On October 5, 2015, the California legislature passed the “End of Life Option Act” (the “Act”), which permits physicians to prescribe an aid-in-dying medication to terminally-ill patients. The Act is set to take effect on June 9, 2016. While health care providers will be obliged to give terminally-ill patients information about their end of life options, including their right to request aid-in-dying medication, provider participation in the Act is completely voluntary. Furthermore, healthcare organizations have a limited ability to actively prohibit their employees and independent contractors from participating in certain end of life activities authorized by the Act.

This blog post will provide physicians with a brief overview of their rights and obligations under the Act. The information herein will be of particular import to medical groups as they navigate service agreements with healthcare partners that wish to opt-out of the Act.

Overview of the Act

To make a request for aid-in-dying medication, the Act requires the patient to be a California resident who has been diagnosed by his or her attending physician as having less than six (6) months to live. The patient must have the capacity to make medical decisions, have the physical and mental ability to self-administer the aid-in-dying medication, and must voluntarily express the wish to receive a prescription for the drug. The Act further permits the requesting patient’s attending physician to inform and counsel the requesting patient in all available end of life options, and permits such physician to prescribe an aid-in-dying medication, provided certain specific conditions are met.

After making his or her diagnosis, an attending physician must refer the patient to a consulting physician who is (i) independent from the attending physician, and (ii) who is qualified by experience of specialty training to confirm the attending physician’s diagnosis, including an assessment of whether the patient has the capacity to make medical decisions, is acting voluntarily, and has made an informed decision regarding aid-in-dying medication.

Physician Participation in the Act is Voluntary

When a physician diagnoses a patient with a terminal illness, the physician is generally required to inform the patient of his or her right to receive counseling regarding end of life options and, at the patient’s request, must provide such information and counseling. However, the Act expressly allows physicians to refuse to provide counseling to patients specifically regarding aid-in-dying medication for reasons of conscience, morality, or ethics (“Conscience Exception”).

Employers May Prohibit Employees From Engaging in End of Life Activities—To An Extent

Importantly, the Conscience Exception also allows healthcare organizations to opt-out of participation in activities authorized by the Act and to, moreover, prohibit its employees and independent contractors from participating in end of life activities authorized by the Act when such persons are:

  • On premises owned by, or under the direct control and management of, the prohibiting healthcare organization (whether as an employer or independent contractor); or
  • Acting within the course and scope of any employment by, or contract with, such prohibiting healthcare organization, whether on or off the organization’s premises.

Healthcare organizations that elect to enact prohibitions utilizing the Act’s Conscience Exception must first provide notice of such policy to affected employees and contractors. An employer healthcare organization that fails to provide such notice to an employee cannot enforce its policy against such employee.

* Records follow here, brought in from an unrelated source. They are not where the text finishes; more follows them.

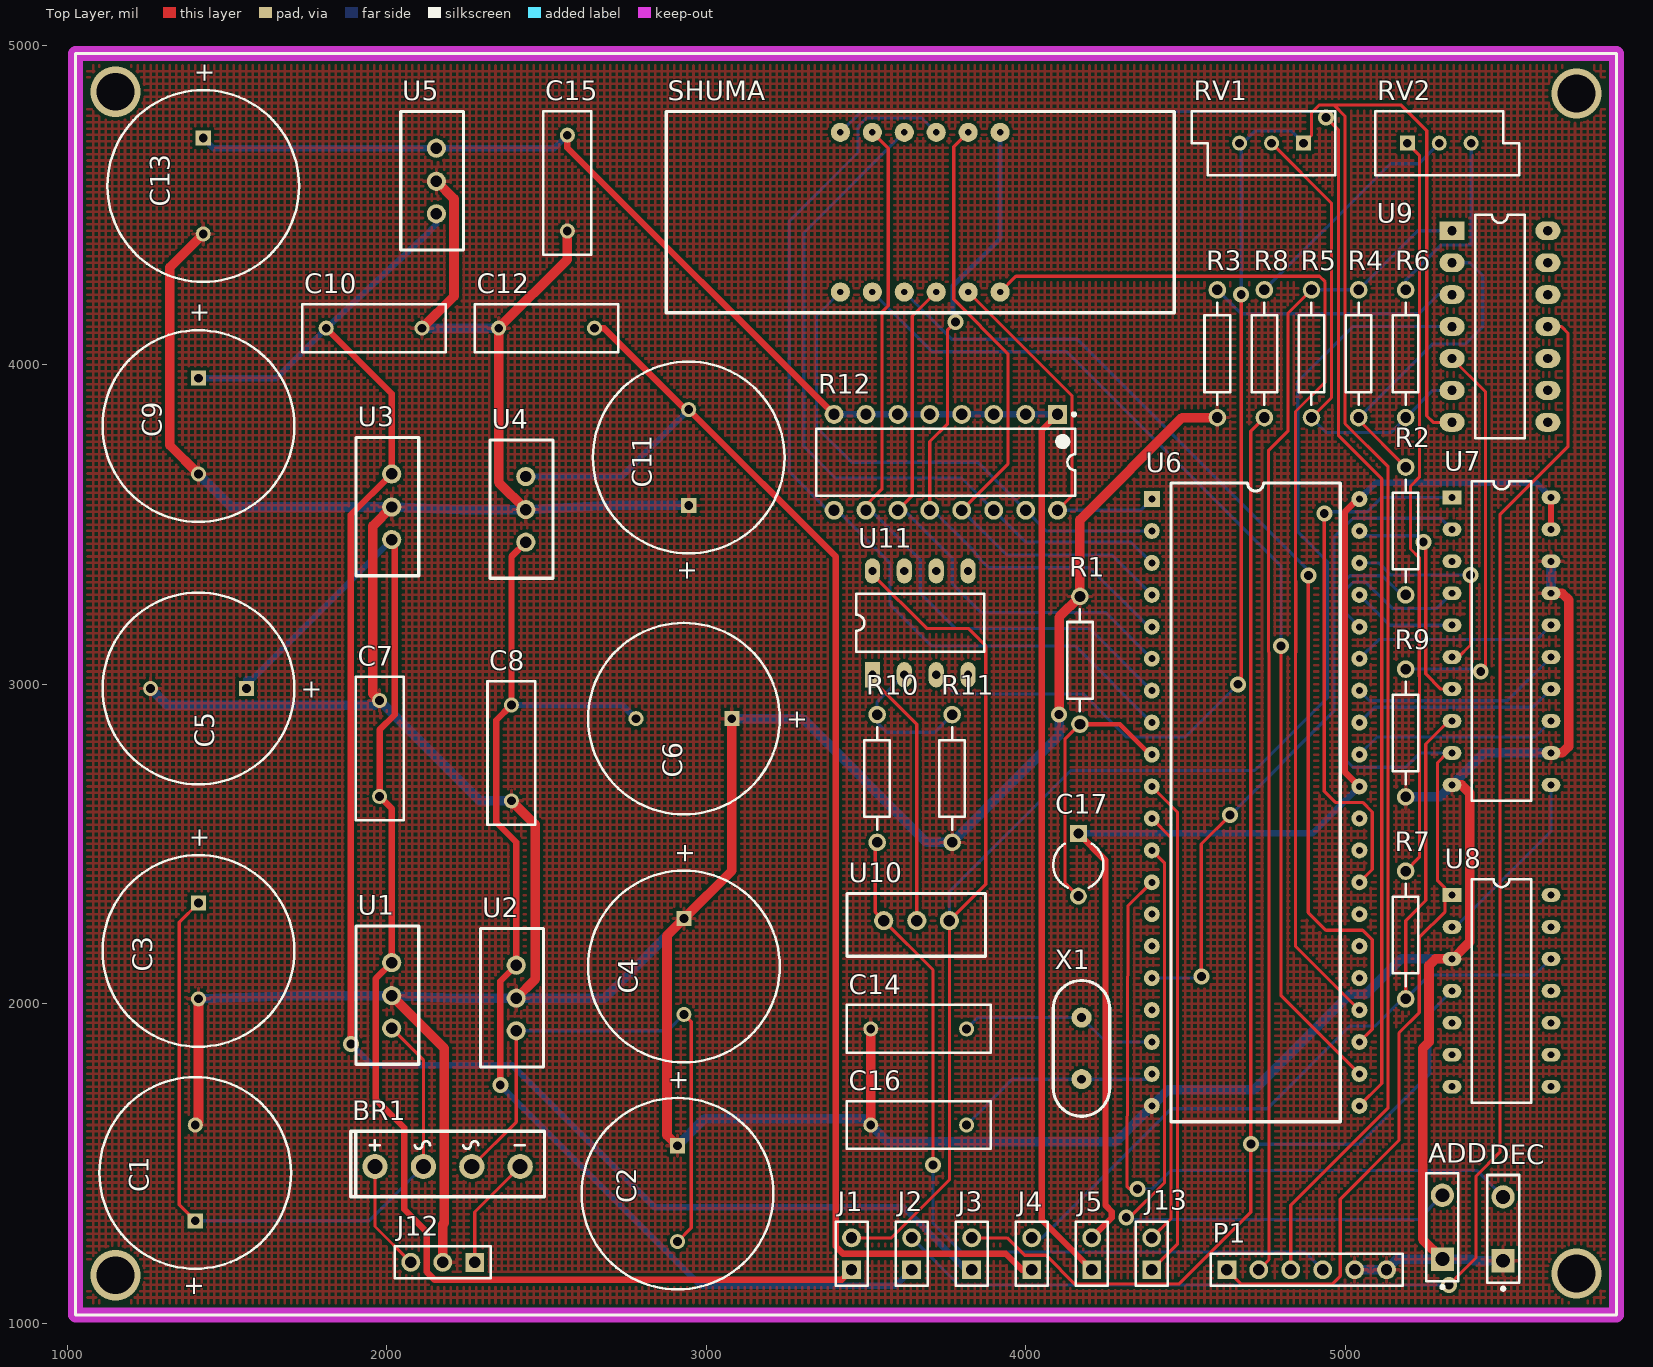
[diagram p0: Top Layer view]
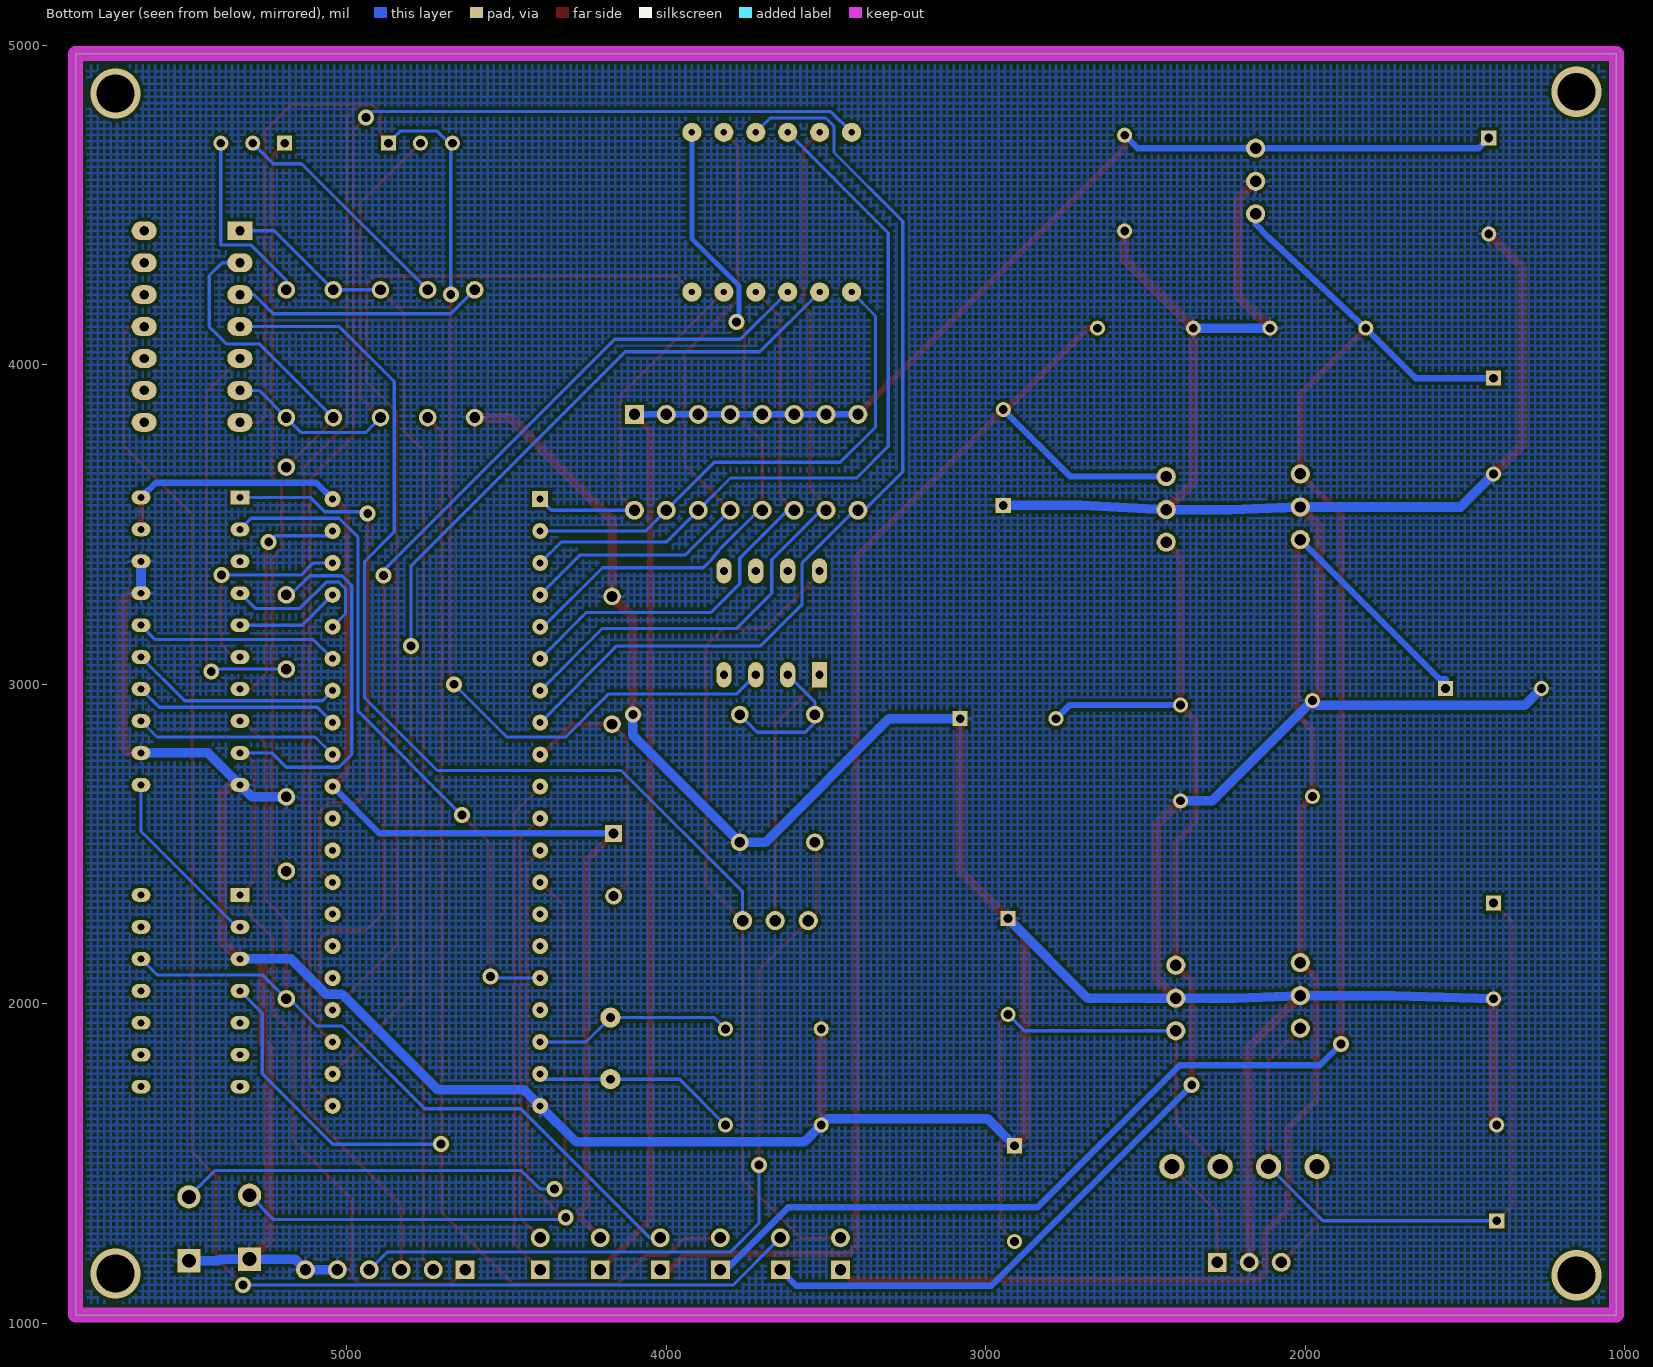
[diagram p1: Bottom Layer view, seen from below]
# Altium PCB MISC89340.PcbDoc
Units mil, origin at the board's own origin, x right, y up, seen from the top; angles counter-clockwise.
Board outline 4825 x 3950 mil, 2 copper layers (Top Layer, Bottom Layer); 55 components, 58 nets, 235 pads, 24 vias.

## Layer stack, top to bottom (the 12.6 mil dielectric is the usual default, probably not edited)
Top Solder: solder mask 0.4, Solder Resist, Dk 3.5
Top Layer: signal copper 1.4
Dielectric 1: dielectric 12.6, FR-4, Dk 4.8
Bottom Layer: signal copper 1.4
Bottom Solder: solder mask 0.4, Solder Resist, Dk 3.5

## Board outline
1025,1025 5850,1025 5850,4975 1025,4975

## Design rules (kind name [scope] priority, off if disabled: settings)
Clearance [All] p1: gap=10
HoleSize [All] p1: absolutevalues=TRUE maxlimit=500 minlimit=1 maxpercent=80.000 minpercent=20.000
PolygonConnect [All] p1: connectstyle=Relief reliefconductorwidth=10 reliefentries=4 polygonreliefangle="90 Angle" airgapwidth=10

Physicians’ Rights to Provide End of Life Options to Terminally-Ill Patients

Employer healthcare organizations cannot prohibit end of life activities authorized by the Act if the physician conducts those activities either:

  • On premises not owned by, or under the direct control and management of the prohibiting employer; or
  • While acting outside of his/her professional responsibilities with the prohibiting employer.

Additionally, irrespective of any policy or prohibition put forward by an employer healthcare organization, the Act expressly allows physicians to perform the following end of life professional services, even if the services are rendered on the premises of the prohibiting employer:

  • Diagnose whether a patient has a terminal disease;
  • Inform the patient of the prognosis;
  • Determine whether the patient has the capacity to make decisions regarding end of life options;
  • Provide the patient with information regarding the Act; and
  • Provide the patient with a referral to another provider for the purposes of participating in end of life activities authorized by the Act, upon the patient’s request.

Conclusion

Physicians and medical groups that contract with healthcare organizations should confirm each organization’s policy regarding the Act to ensure that it reflects the rights and obligations outlined herein. Additional guidance—and controversy—is sure to emerge following the June 9 effective date. We will continue to monitor developments in this area on behalf of our clients and welcome your questions or comments.